The mechanism of the olfactory apparatus is, as a whole, simpler than that of sight and hearing; but the sensation is subordinated to many individual anatomical peculiarities. As much can be said of touch and taste, which require contact of the excitant, while sight and hearing merely register the vibrations transmitted by a medium. It is easy to conceive how the condition of the membranes, the form of the nasal passages, etc., may affect the sensation.

A distinction is made in medicine between respiratory anosmias which depend on the formation of the organs and the condition of the connective tissues, and essential anosmias which result from atrophy of the nerves. Anosmias are frequent; some are congenital, many are senile and temporary, and connected with traumatisms, hemianesthesia, aphasia, and hemiplegia. We can not expect to find as concordant reactions for the smell as for the sense of color or the sense of form. It is nevertheless a matter of interest to investigate, on as good subjects as we can get, the influence of different odors on sensibility; or, in other words, to determine the weight of odorous vapor which it is necessary to breathe and accumulate in the nasal f ossse to make a perfume perceptible. That is the purpose of olfactometers. The olfactometer gives, besides this, the intensity of a perfume. The larger the perceptible minimum of a perfume, the less intense the perfume is, and it is this intensity which determines the price of a perfume, the delicacy of its odor being the same.

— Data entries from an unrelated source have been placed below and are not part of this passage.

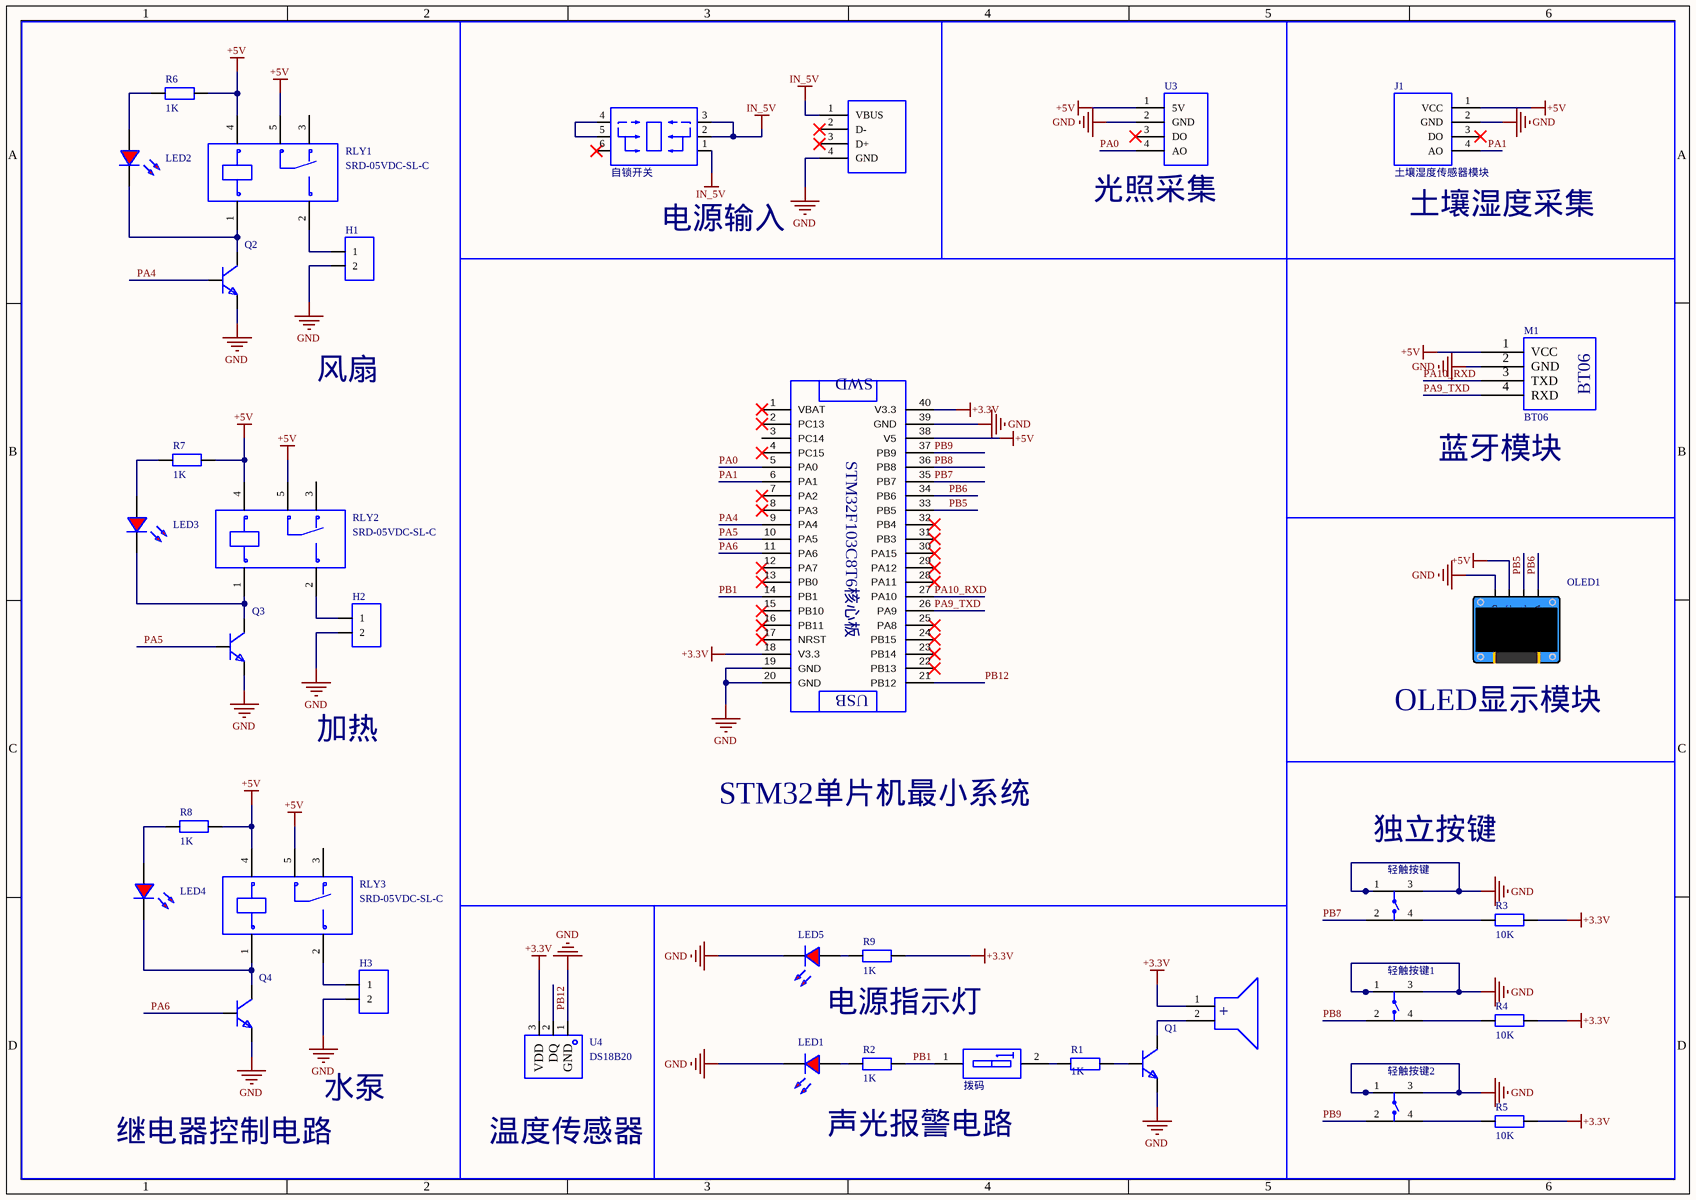
[diagram p0: MISC51322-3.schdoc]
# Altium project MISC51322-2.PrjPcb
1 sheet, 37 parts. Net scope: global (net labels, ports and power ports of the same name join across sheets).
Board file: MISC51322.pcbdoc

## Sheet MISC51322-3.schdoc
size 297 x 209 mm; Version: V1.0; @Project Name: MISC51322; @Update Date: 2026-04-15; @Create Date: 2026-04-15; @Board Name: MISC51322; @Create Time: 20:17:51; @Page Count: 1; @Page No: 1; @Schematic Name: MISC51322; @Update Time: 20:17:51; Size: A4

### Parts
BUZZER1  3kHz  [BUZ-TH_BD9.0-P5.00-D0.6-FD]  (value not drawn)
H1  (no value)  [HDR-TH_2P-P2.54-V-F]
H2  (no value)  [HDR-TH_2P-P2.54-V-F]
H3  (no value)  [HDR-TH_2P-P2.54-V-F]
J1  土壤湿度传感器模块  [Hearder-4]
LED1  (no value)  [LED-TH_5mm]
LED2  (no value)  [LED-TH_5mm]
LED3  (no value)  [LED-TH_5mm]
LED4  (no value)  [LED-TH_5mm]
LED5  (no value)  [LED-TH_5mm]
M1  BT06  [BT06]
OLED1  (no value)  [0.96OLED_4P]
Q1  S8050  [SOT-23-3_L2.9-W1.3-P1.90-LS2.3-BR]  (value not drawn)
Q2  S8050  [SOT-23-3_L2.9-W1.3-P1.90-LS2.3-BR]  (value not drawn)
Q3  S8050  [SOT-23-3_L2.9-W1.3-P1.90-LS2.3-BR]  (value not drawn)
Q4  S8050  [SOT-23-3_L2.9-W1.3-P1.90-LS2.3-BR]  (value not drawn)
R1  1K  [R0805]
R2  1K  [R0805]
R3  10K  [R0805]
R4  10K  [R0805]
R5  10K  [R0805]
R6  1K  [R0805]
R7  1K  [R0805]
R8  1K  [R0805]
R9  1K  [R0805]
RLY1  SRD-05VDC-SL-C  [RELAY-TH_SRD-XXVDC-XL-C]
RLY2  SRD-05VDC-SL-C  [RELAY-TH_SRD-XXVDC-XL-C]
RLY3  SRD-05VDC-SL-C  [RELAY-TH_SRD-XXVDC-XL-C]
SW1  自锁开关  [SW-TH_6P-L8.5-W8.5-P2.50-LS5.5-BL-2]
SW2  拨码  [SW-TH_DSWB01LHGET]
U1  (no value)  [USB-type-C模块]
U2  CW32F030C8最小系统板  [STM32F103C8T6核心板]  (value not drawn)
U3  (no value)  [光敏传感器模块]
U4  DS18B20  [3p_2.54]
轻触按键  SH-6X6X6.5H-TP  [SW-SMD_4P-L6.2-W6.2-P4.50-LS9.5-TL]  (value not drawn)
轻触按键1  SH-6X6X6.5H-TP  [SW-SMD_4P-L6.0-W6.0-P4.50-LS8.8]  (value not drawn)
轻触按键2  SH-6X6X6.5H-TP  [SW-SMD_4P-L6.0-W6.0-P4.50-LS8.8]  (value not drawn)

### Blocks framed on the sheet
电源输入: SW1 U1
光照采集: U3
土壤湿度采集: J1
蓝牙模块: M1
OLED显示模块: OLED1
独立按键: R3-R5 轻触按键 轻触按键1 轻触按键2
温度传感器: U4

### Nets
+3.3V: BUZZER1.1(+) R3.2 R4.2 R5.2 R9.2 U2.18(V3.3) U2.40(V3.3) U4.3(VDD)
+5V: J1.1(VCC) M1.1(VCC) OLED1.2(VCC) R6.1 R7.1 R8.1 RLY1.4 RLY1.5 RLY2.4 RLY2.5 RLY3.4 RLY3.5 U2.38(V5) U3.1(5V)
GND: H1.2 H2.2 H3.2 J1.2(GND) LED1.2(A) LED5.2(A) M1.2(GND) OLED1.1(GND) Q1.2(E) Q2.2(E) Q3.2(E) Q4.2(E) U1.4(GND) U2.19(GND) U2.20(GND) U2.39(GND) U3.2(GND) U4.1(GND) 轻触按键.1 轻触按键.3 轻触按键1.1 轻触按键1.3 轻触按键2.1 轻触按键2.3
IN_5V: SW1.1 SW1.2 SW1.3 U1.1(VBUS)
PA0: U2.5(PA0) U3.4(AO)
PA1: J1.4(AO) U2.6(PA1)
PA4: Q2.1(B) U2.9(PA4)
PA5: Q3.1(B) U2.10(PA5)
PA6: Q4.1(B) U2.11(PA6)
PA9_TXD: M1.4(RXD) U2.26(PA9)
PA10_RXD: M1.3(TXD) U2.27(PA10)
PB1: R2.2 SW2.1(A1) U2.14(PB1)
PB5: OLED1.3(SCL) U2.33(PB5)
PB6: OLED1.4(SDA) U2.34(PB6)
PB7: U2.35(PB7) 轻触按键.2
PB8: U2.36(PB8) 轻触按键1.2
PB9: U2.37(PB9) 轻触按键2.2
PB12: U2.21(PB12) U4.2(DQ)
NetBUZZER1_2: BUZZER1.2(-) Q1.3(C)
NetH1_1: H1.1 RLY1.2
NetH2_1: H2.1 RLY2.2
NetH3_1: H3.1 RLY3.2
NetLED1_1: LED1.1(C) R2.1
NetLED2_1: LED2.1(C) R6.2
NetLED2_2: LED2.2(A) Q2.3(C) RLY1.1
NetLED3_1: LED3.1(C) R7.2
NetLED3_2: LED3.2(A) Q3.3(C) RLY2.1
NetLED4_1: LED4.1(C) R8.2
NetLED4_2: LED4.2(A) Q4.3(C) RLY3.1
NetLED5_1: LED5.1(C) R9.1
NetQ1_1: Q1.1(B) R1.2
NetR1_1: R1.1 SW2.2
NetR3_1: R3.1 轻触按键.4
NetR4_1: R4.1 轻触按键1.4
NetR5_1: R5.1 轻触按键2.4
NetSW1_4: SW1.4 SW1.5

Not connected (* = marked no-connect by the designer): J1 3(DO)*; RLY1 3; RLY2 3; RLY3 3; SW1 6*; U1 2(D-)* 3(D+)*; U2 1(VBAT)* 2(PC13)* 3(PC14) 4(PC15)* 7(PA2)* 8(PA3)* 12(PA7)* 13(PB0)* 15(PB10)* 16(PB11)* 17(NRST)* 22(PB13)* 23(PB14)* 24(PB15)* 25(PA8)* 28(PA11)* 29(PA12)* 30(PA15)* 31(PB3)* 32(PB4)*; U3 3(DO)*

### Notes on the sheet
- 风扇
- 加热
- STM32单片机最小系统
- 电源指示灯
- 继电器控制电路
- 水泵
- 声光报警电路

### Library data of the parts
BUZZER1 = HNB09A03: 驱动方式:有源(内含驱动线路);构造类型:电磁式;频率:3kHz;声压(SPL):85dB;; Manufacturer: 华能; AddInBom: yes; ModelId: 13273335caac486e928bafb4d9fdf12d0819f05c4eef4c71ace90d822a990e87; ModelName: BUZ-TH_D9.0-H5.5-P5.0; ModelTransform: 354.33,354.33,0,90,0,0,-0.005,0,-177.165; Voltage - Supply: 1.5V~4.5V; Current Consumption: 30mA; Sound Pressure Level(SPL): 85dB; Symbol: HNB09A03; Device: HNB09A03; LCSC Part Name: 电磁式有源一体蜂鸣器HNB09A03; SupplierPart: C96102; ManufacturerPart: HNB09A03; Supplier Footprint: 插件,D=9mm; JLCPCB Part Class: Extended Part; Datasheet: https://item.szlcsc.com/datasheet/HNB09A03/97306.html; Supplier: LCSC; ConvertToPcb: yes; FootprintName: BUZ-TH_BD9.0-P5.00-D0.6-FD; Driver Circuitry: 有源(内含驱动线路); Technology: 电磁式; Value: 3kHz; Diameter(φD): 9mm; Length: -; Width: -; Height: 5.5mm; Operating Temperature: -20℃~+70℃
H1-H3 = HDR-F_2.54_1x2P: Symbol: Header-Female-2.54_1x2; ConvertToPcb: yes; ModelId: a9450ef445564560a104363b9aacde4e0819f05c4eef4c71ace90d822a990e87; ModelName: HDR-TH_2P-P2.54-F-LI-1X2P; ModelTransform: 215.7476,98.425,0,0,0,0,0,0,-129.921; Device: HDR-F_2.54_1x2P; AddInBom: yes; SupplierPart: C49661; Supplier Footprint: 插件; FootprintName: HDR-TH_2P-P2.54-V-F
J1 = 土壤湿度传感器模块: AddInBom: yes; Symbol: 土壤湿度传感器模块; Device: 土壤湿度传感器模块; ConvertToPcb: yes; FootprintName: Hearder-4
LED1 = LED_TH-R_5mm: ConvertToPcb: yes; ModelId: fe9cea1bdf7642cd8d9a5077ed0e2b580819f05c4eef4c71ace90d822a990e87; ModelName: LED-TH_BD5.9-P2.54-RD_RED; ModelTransform: 222.16,238.98,581.81,180,0,0,-6,0,-220; Symbol: LED_TH-R; Device: LED_TH-R_5mm; AddInBom: yes; FootprintName: LED-TH_5mm; Supplier Footprint: 插件
LED2-LED5 = LED_TH-R_5mm: 3D Model: fe9cea1bdf7642cd8d9a5077ed0e2b580819f05c4eef4c71ace90d822a990e87; 3D Model Transform: 222.16,238.98,581.81,180,0,0,-6,0,-220; ConvertToPcb: yes; ModelName: LED-TH_BD5.9-P2.54-RD_RED; Symbol: LED_TH-R; Device: LED_TH-R_5mm; Supplier Footprint: 插件; AddInBom: yes; FootprintName: LED-TH_5mm
M1 = BT06: AddInBom: yes; Symbol: BT06; Device: BT06; ConvertToPcb: yes
OLED1 = 0.96OLED模块_4P: ConvertToPcb: yes; ModelId: 79c000fdb68d45a296c2e9bedf4f90550819f05c4eef4c71ace90d822a990e87; ModelTransform: 1393.69792,1318.895,0,0,0,0,0,-560.079,-137.795; Symbol: 0.96OLED模块_4P; Device: 0.96OLED模块_4P; AddInBom: yes; FootprintName: 0.96OLED_4P; Supplier Footprint: 插件; ModelName: 0.96OLED_4P
Q1 = S8050_C20069125: 晶体管类型:NPN;集电极电流(Ic):500mA;集射极击穿电压(Vceo):25V;耗散功率(Pd):300mW;直流电流增益(hFE):120@50mA,1.0V;; Manufacturer: R+O(宏嘉诚); AddInBom: yes; ModelId: 5504beb8757f4de79731898ec55d3e540819f05c4eef4c71ace90d822a990e87; ModelTransform: 114.173,90.551,0,90,0,0,0,0,0; type: NPN; Current - Collector(Ic): 500mA; Collector - Emitter Voltage VCEO: 25V; Pd - Power Dissipation: 300mW; Transition frequency(fT): 100MHz; Current - Collector Cutoff: 100nA; Vce Saturation(VCE(sat)): 600mV@500mA,50mA; Emitter-Base Voltage(Vebo): 5V; Symbol: S8050_C20069125; Device: S8050_C20069125; LCSC Part Name: hFE:200-350，丝印:J3Y NPN 500mA 25V; SupplierPart: C20069125; ManufacturerPart: S8050; Supplier Footprint: SOT-23; JLCPCB Part Class: Extended Part; Datasheet: https://item.szlcsc.com/datasheet/S8050/21397163.html; Supplier: LCSC; ConvertToPcb: yes; FootprintName: SOT-23-3_L2.9-W1.3-P1.90-LS2.3-BR; ModelName: SOT-23-3_L2.9-W1.3-P1.90-LS2.3-BR; DC Current Gain: 120@50mA,1.0V; Operating Temperature: -55℃~+150℃
Q2-Q4 = S8050_C20069125: 晶体管类型:NPN;集电极电流(Ic):500mA;集射极击穿电压(Vceo):25V;耗散功率(Pd):300mW;直流电流增益(hFE):120@50mA,1.0V;; Manufacturer: R+O(宏嘉诚); 3D Model: 5504beb8757f4de79731898ec55d3e540819f05c4eef4c71ace90d822a990e87; 3D Model Transform: 114.173,90.551,0,90,0,0,0,0,0; type: NPN; Current - Collector(Ic): 500mA; Collector - Emitter Voltage VCEO: 25V; Pd - Power Dissipation: 300mW; Transition frequency(fT): 100MHz; Current - Collector Cutoff: 100nA; Vce Saturation(VCE(sat)): 600mV@500mA,50mA; Emitter-Base Voltage(Vebo): 5V; AddInBom: yes; Symbol: S8050_C20069125; Device: S8050_C20069125; LCSC Part Name: hFE:200-350，丝印:J3Y NPN 500mA 25V; Supplier Part: C20069125; Manufacturer Part: S8050; Supplier Footprint: SOT-23; JLCPCB Part Class: Extended Part; Datasheet: https://item.szlcsc.com/datasheet/S8050/21397163.html; Supplier: LCSC; DC Current Gain: 120@50mA,1.0V; Operating Temperature: -55℃~+150℃; ConvertToPcb: yes; FootprintName: SOT-23-3_L2.9-W1.3-P1.90-LS2.3-BR; ModelName: SOT-23-3_L2.9-W1.3-P1.90-LS2.3-BR
R1 R2 = Res_0805: Symbol: 电阻; ConvertToPcb: yes; ModelId: 37a81e68749a4138bd2dfa6897b24b850819f05c4eef4c71ace90d822a990e87; ModelName: R0805_L2.0-W1.3-H0.6; ModelTransform: 78.74,51.181,0,0,0,0,0,-0.0005,0; Device: Res_0805; Value: 1K; AddInBom: yes; Supplier Footprint: 0805; FootprintName: R0805
R3-R9 = Res_0805: Symbol: 电阻; 3D Model: 37a81e68749a4138bd2dfa6897b24b850819f05c4eef4c71ace90d822a990e87; 3D Model Transform: 78.74,51.181,0,0,0,0,0,-0.0005,0; ConvertToPcb: yes; ModelName: R0805_L2.0-W1.3-H0.6; Device: Res_0805; Supplier Footprint: 0805; AddInBom: yes; FootprintName: R0805
  R3-R5: Value: 10K
  R6-R9: Value: 1K
RLY1-RLY3 = SRD-05VDC-SL-C: 线圈电压:5V;触点形式:一组转换:1C(单刀双掷-转换);触点容量(电阻负载):-;最大切换电压:250V@AC;最大切换电流:15A;; Manufacturer: 松乐; AddInBom: yes; ModelId: d0eda9b8bf8746d18ae810ab88dc78e70819f05c4eef4c71ace90d822a990e87; ModelName: RELAY-TH_L19.2-W15.6-H15.8; ModelTransform: 755.904,622.4397,0,0,0,0,34.882,0,-118.11; Coil Voltage: 5V; Coil Rated Power: 360mW; Switching Current(Max): 15A; Coil Type: 无极性-单线圈; Coil Resistance: 70Ω; Contact Resistance: 100mΩ; Operate Time: 10ms; Symbol: SRD-05VDC-SL-C; Device: SRD-05VDC-SL-C; LCSC Part Name: 蓝色 单组转换型继电器; SupplierPart: C35449; ManufacturerPart: SRD-05VDC-SL-C; Supplier Footprint: 插件,15.6x19.2mm; JLCPCB Part Class: Extended Part; Datasheet: https://item.szlcsc.com/datasheet/SRD-05VDC-SL-C/36422.html; Supplier: LCSC; ConvertToPcb: yes; FootprintName: RELAY-TH_SRD-XXVDC-XL-C; Contact Form: 一组转换:1C(单刀双掷-转换); Number of Pins: 5; Contact Rating: -; Switching Voltage(Max): 250V@AC; Release Time: 10ms
SW1 = PS851-06L140E1-ZCY-G: 8.5x8.5x14，6只端子、自锁、底座黑色、盖板灰色; Manufacturer: Khon(康宏电子); AddInBom: yes; ModelId: 3d3c155482f1468c89deb1ae1eab44490819f05c4eef4c71ace90d822a990e87; ModelTransform: 334.645,335.0387,0,0,0,0,0,0,-137.795; Symbol: PS851-06L140E1-ZCY-G; Device: PS851-06L140E1-ZCY-G; Manufacturer Part: 自锁开关; LCSC Part Name: 8.5x8.5自锁开关; SupplierPart: C46533678; Supplier Footprint: DIP-6P,8.5x8.5mm; Datasheet: https://item.szlcsc.com/datasheet/PS851-06L140E1-ZCY-G/48661192.html; Supplier: LCSC; ConvertToPcb: yes; FootprintName: SW-TH_6P-L8.5-W8.5-P2.50-LS5.5-BL-2; ModelName: SW-TH_6P-L8.5-W8.5-P2.50-LS5.5-BL-2
SW2 = DSWB01LHGET: 类型:平拨,凸起式;电路结构:单刀单掷;开关位数:1位;工作寿命:-;颜色:红色;; Manufacturer: YE; AddInBom: yes; ModelId: 0f47cc4368c24d779ddaf17d8f9a8b630819f05c4eef4c71ace90d822a990e87; ModelName: SW-TH_2P-L4.1-W9.9-H5.4-P2.54; ModelTransform: 161.417,389.763,0,0,0,0,2.205,-1.024,-125.984; Circuit: 单刀单掷; Number of Positions: 1位; Symbol: DSWB01LHGET; Device: DSWB01LHGET; Manufacturer Part: 拨码; LCSC Part Name: 红色宽体1位顶拨插件; SupplierPart: C126888; Supplier Footprint: 插件,9.9x4mm; JLCPCB Part Class: Extended Part; Datasheet: https://item.szlcsc.com/datasheet/DSWB01LHGET/138168.html; Supplier: LCSC; ConvertToPcb: yes; FootprintName: SW-TH_DSWB01LHGET; Type: 平拨,凸起式; Lead Pitch: -; Operating Life: -; Color: 红色
U1 = TYPE-C模块: AddInBom: yes; Symbol: TYPE-C模块; Device: TYPE-C模块; ConvertToPcb: yes
U2 = STM32F103C8T6最小系统: Manufacturer: 无; ManufacturerPart: STM32F103C8T6最小系统模块; Symbol: STM32F103C8T6最小系统_1; AddInBom: yes; tags: STM32; Device: STM32F103C8T6最小系统; ConvertToPcb: yes; SupplierPart: C8734; OriginFootprint: STM32F103C8T6核心板; JLCPCB Part Class: Basic Part; FootprintName: STM32F103C8T6核心板
U3 = 光敏传感器模块: AddInBom: yes; Symbol: 光敏传感器模块; Device: 光敏传感器模块; ConvertToPcb: yes; FootprintName: 光敏传感器模块
U4 = DS18B20: Manufacturer: UMW(友台半导体); AddInBom: yes; Symbol: DS18B20; Device: DS18B20; ConvertToPcb: yes; Supplier: LCSC; SupplierPart: C376006; ManufacturerPart: DS18B20; JLCPCB Part Class: Extended Part
轻触按键 = SH-6X6X6.5H-TP: 电路结构:单刀单掷;按钮形状:圆形按钮;作用力:2.5N;安装方式:立贴;开关长度:6mm;开关宽度:6mm;开关高度:6.5mm;带支架:不带支架;触点电流:50mA;额定电压:12V;带灯:无;工作寿命:10万次;; Manufacturer: SHOU HAN(首韩); AddInBom: yes; Circuit: 单刀单掷; Actuator Style: 圆形按钮; Operating Force: 2.5N; Switch Height: 6.5mm; with Bracket: 不带支架; Contact Current: 50mA; Voltage Rating: 12V; Actuator/Cap Color: 黑色; With Lamp: 无; Life: 10万次; Symbol: SH-6X6X6.5H-TP; Device: SH-6X6X6.5H-TP; LCSC Part Name: 6*6/6x6 轻触开关; SupplierPart: C42416255; ManufacturerPart: SH-6X6X6.5H-TP; Supplier Footprint: SMD-4P,6x6mm; JLCPCB Part Class: Extended Part; Datasheet: https://item.szlcsc.com/datasheet/SH-6X6X6.5H-TP/44415302.html; Supplier: LCSC; ConvertToPcb: yes; FootprintName: SW-SMD_4P-L6.2-W6.2-P4.50-LS9.5-TL; Mounting Type: 立贴; Length: 6mm; Width: 6mm; Termination Style: 鸥翼型; Operating Temperature: -25℃~+70℃
轻触按键1 轻触按键2 = SH-6X6X6.5H-TP: 电路结构:单刀单掷;按钮形状:圆形按钮;作用力:2.5N;安装方式:立贴;开关长度:6mm;开关宽度:6mm;开关高度:6.5mm;带支架:不带支架;触点电流:50mA;额定电压:12V;带灯:无;工作寿命:10万次;; Manufacturer: SHOU HAN(首韩); Circuit: 单刀单掷; Actuator Style: 圆形按钮; Operating Force: 2.5N; Switch Height: 6.5mm; with Bracket: 不带支架; Contact Current: 50mA; Voltage Rating: 12V; Actuator/Cap Color: 黑色; With Lamp: 无; Life: 10万次; AddInBom: yes; Symbol: SH-6X6X6.5H-TP; Device: SH-6X6X6.5H-TP; LCSC Part Name: 6*6/6x6 轻触开关; Supplier Part: C42416255; Manufacturer Part: SH-6X6X6.5H-TP; Supplier Footprint: SMD-4P,6x6mm; JLCPCB Part Class: Extended Part; Datasheet: https://item.szlcsc.com/datasheet/SH-6X6X6.5H-TP/44415302.html; Supplier: LCSC; Mounting Type: 立贴; Length: 6mm; Width: 6mm; Termination Style: 鸥翼型; Operating Temperature: -25℃~+70℃; ConvertToPcb: yes; FootprintName: SW-SMD_4P-L6.0-W6.0-P4.50-LS8.8

The olfactory sense is followed by effects of different kinds of intensity from those of sight and hearing, and may be accompanied by a kind of poisoning. The old medical books are full of stories of it. There are those of a girl killed by the exhalations of violets; of a woman seized with a violent headache from sleeping on a bed of roses; and of a girl who lost her voice by smelling of a bouquet. Ancient medicine attributed curative properties to perfumes, particularly to those of the rose, musk, and benzoin. The intensity of the effects of perfumes makes a rapid succession of sensations almost impossible; for consecutive odors cause a rapid anæsthesia of the sense; on the other hand, if the times separating two successive sensations are too long, it becomes impossible to combine them, and the anticipated effect is disturbed by strange feelings. In short, smell is rather the complement of other excitations than an artistic excitation like a melody or a picture. Its function is, nevertheless, very important. By virtue of its volatility it is a valuable prophylactic; by the great intensity of its effects it can bring about salutary modifications of physiological functions, particularly of the amplitude of respiration; and it possesses in the highest degree the luxurious character of every artistic enjoyment. Flavor has an essential part in nutrition; so has touch. Hearing and sight are indispensable to relations with other persons; but smell, necessary to the animal for finding its prey and avoiding danger, has become, under normal conditions, an almost useless sense to man, since the refinements of civilization tend to prevent the production of miasms and the pestilential odors from which he has to protect himself. It is therefore becoming more and more a sense of luxury for civilized man; and that, perhaps, is the reason why poets, from the author of the Song of Songs down, have associated all kinds of beauty and joy with perfumes.—Translated for The Popular Science Monthly from the Revue Scientifique.